SharpLink actively stakes its holdings. That 499 ETH earned in a single week is essentially passive income generated from helping secure the Ethereum network. The 23,490 ETH accumulated through staking alone represents a meaningful addition to the balance sheet without the company spending a single dollar.

Advertisement

SharpLink maintains a public ETH dashboard that breaks down its holdings, staking rewards, and per-share ETH concentration metrics. The average purchase price across its entire portfolio sits at $3,586 per ETH, according to that dashboard.

Recent buying spree signals confidence

SharpLink resumed active Ethereum purchases in June 2026 after what appears to have been a pause in direct buying. On June 25, the company scooped up 5,000 ETH. Shortly after, it grabbed another 10,000 ETH at an average price of $1,611 per coin. That’s notably below its overall portfolio average of $3,586, which means those recent buys actually improved the company’s cost basis.

The purchases pushed total holdings from approximately 872,984 ETH in May 2026 to the current 887,673 ETH figure. That’s a net increase of roughly 14,700 ETH in about two months, combining both direct purchases and staking rewards.

The company funds these acquisitions partly through at-the-market equity offerings, a mechanism that lets it sell new shares gradually at prevailing market prices rather than through a single large offering. It also executes share repurchases, creating a two-way flow that management can use to manage dilution and signal confidence.

The competitive landscape for public ETH treasuries

SharpLink’s position as the number-two public Ethereum holder is noteworthy because this category barely existed a couple of years ago. Bitmine Immersion Technologies, the leader in this space, holds over 5.7 million ETH. SharpLink’s nearly 888,000 ETH treasury held approximately 521,939 ETH as of August 2025. By May 2026, that had grown to roughly 872,984 ETH. Now it’s at 887,673 ETH. The company has added over 365,000 ETH to its balance sheet in less than a year.

That 499 ETH weekly staking reward represents roughly a 0.056% weekly return, or about 2.9% annualized if the rate holds steady. Those staking rewards get added to the total, which then generates more rewards the following week.
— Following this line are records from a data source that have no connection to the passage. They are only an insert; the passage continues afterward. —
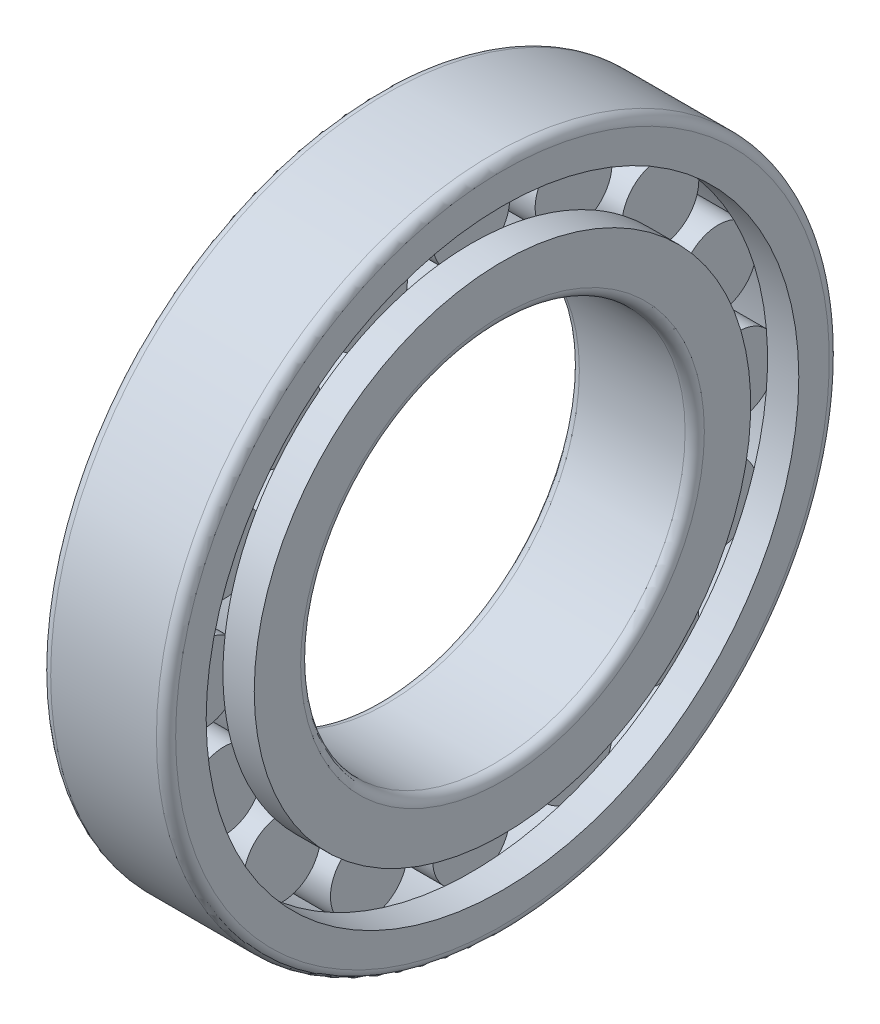
SolidWorks part; units mm, degrees
revolve "基体-旋转" add sketch "草图2" angle 360 about L0
sketch "草图2" plane through (0, 0, 0) normal (0, 0, 1) x (1, 0, 0)
  line L0 (-10.0801, 0) -> (21.9267, 0) construction
  line L1 (6.5, 47.65) -> (19.5, 47.65)
  line L2 (0, 51.65) -> (6.5, 51.65)
  line L3 (0, 51.65) -> (0, 42)
  line L4 (2, 40) -> (24, 40)
  line L5 (26, 51.65) -> (26, 42)
  line L6 (6.5, 47.65) -> (6.5, 51.65)
  line L7 (19.5, 47.65) -> (19.5, 51.65)
  line L8 (19.5, 51.65) -> (26, 51.65)
  arc A0 (24, 40) -> (26, 42) centre (24, 42) ccw
  arc A1 (0, 42) -> (2, 40) centre (2, 42) ccw
  point P13 (26, 40)
  point P16 (0, 40)
material "GCr15"
ref_plane "基准面1" through (0, 0, 0) normal (0, 0, 1) x (1, 0, 0)
ref_plane "基准面2" through (0, 0, 0) normal (0, 1, 0) x (1, 0, 0)
ref_plane "基准面3" through (0, 0, 0) normal (1, 0, 0) x (0, 0, -1)
sketch "尺寸草图" plane through (0, 0, 0) normal (0, 0, 1) x (1, 0, 0)
  line L0 (0, 0) -> (2, 0)
  line L1 (2, 0) -> (4, 0)
  line L2 (4, 0) -> (30, 0)
  line L3 (30, 0) -> (110, 0)
  line L4 (110, 0) -> (205.3, 0)
  line L5 (205.3, 0) -> (345.3, 0)
  line L7 (345.3, 0) -> (472.6, 0)
sketch "草图3" plane through (0, 0, 0) normal (0, 0, 1) x (1, 0, 0)
  line L0 (19.5, 51.65) -> (19.5, -51.65) construction
  line L2 (-1.6039, 55.65) -> (13.5036, 55.65) construction
  line L4 (6.5, 55.65) -> (19.5, 55.65)
  line L5 (6.5, 55.65) -> (6.5, 47.6499)
  line L6 (6.5, 47.6499) -> (19.5, 47.6499)
  line L7 (19.5, 55.65) -> (19.5, 47.6499)
  line L8 (6.5, -51.65) -> (6.5, 51.65) construction
revolve "凸台-旋转1" add sketch "草图3" angle 360 about L2
sketch "草图4" plane through (0, 0, 0) normal (0, 0, 1) x (1, 0, 0)
  line L0 (0, 0) -> (17.8006, 0) construction
  line L1 (-10.0801, 0) -> (21.9267, 0) construction
  line L2 (19.5, 61.65) -> (26, 61.65)
  line L3 (2, 70) -> (24, 70)
  line L4 (0, 68) -> (0, 61.65)
  line L5 (0, 61.65) -> (6.5, 61.65)
  line L6 (26, 68) -> (26, 61.65)
  line L7 (6.5, 63.65) -> (19.5, 63.65)
  line L8 (6.5, 63.65) -> (6.5, 61.65)
  line L10 (19.5, 63.65) -> (19.5, 61.65)
  arc A0 (24, 70) -> (26, 68) centre (24, 68) cw
  arc A1 (2, 70) -> (0, 68) centre (2, 68) ccw
  point P15 (26, 70)
  point P18 (0, 70)
revolve "凸台-旋转2" add sketch "草图4" angle 360 about L0
pattern_circular "阵列(圆周)1" count 16 over 360 about axis through (0, 0, 0) along (1, 0, 0) of "凸台-旋转1"
equation "\"DD@草图2\" = \"内径@尺寸草图\""
equation "\"FW@草图2\" = \"参考FW@尺寸草图\""
equation "\"D1@草图2\" = \"倒角小@尺寸草图\""
equation "\"EW@草图4\" = \"参考EW@尺寸草图\""
equation "\"D@草图4\" = \"外径@尺寸草图\""
equation "\"D2@草图4\" = \"倒角大@尺寸草图\""
equation "\"B@草图4\" = \"宽度@尺寸草图\""
equation "\"D2@草图2\" = \"B@草图4\""
equation "\"滚珠位置@草图2\" = \"D2@草图2\"/4"
equation "\"D3@草图4\" = \"D2@草图4\""
equation "\"D1@草图3\" =  ( \"EW@草图4\" - \"FW@草图2\" )  / 4 + \"FW@草图2\" / 2"
equation "\"D2@草图3\" =  0.25*( \"EW@草图4\" - \"FW@草图2\" ) +0.0001"
equation "\"D4@草图2\" = \"FW@草图2\" + 4 *\"D1@草图2\""
equation "\"D1@阵列(圆周)1\" =0.75* \"D1@草图3\" * 3.14 / \"D2@草图3\""

What this means for investors

For anyone watching SBET as a proxy for Ethereum exposure, the key metric isn’t just total ETH held. It’s ETH per share. At-the-market offerings dilute the share count, while ETH purchases and staking rewards increase the numerator. The interplay between those two forces determines whether shareholders are actually gaining or losing ETH exposure over time.

SharpLink’s dashboard transparency is designed to address exactly this concern, giving investors real-time visibility into whether the company is creating or destroying value on a per-share basis.

The recent purchases at $1,611 suggest management sees current prices as attractive. Buying ETH at roughly 55% below the portfolio’s average cost of $3,586 also means the overall position was significantly underwater at the time of purchase.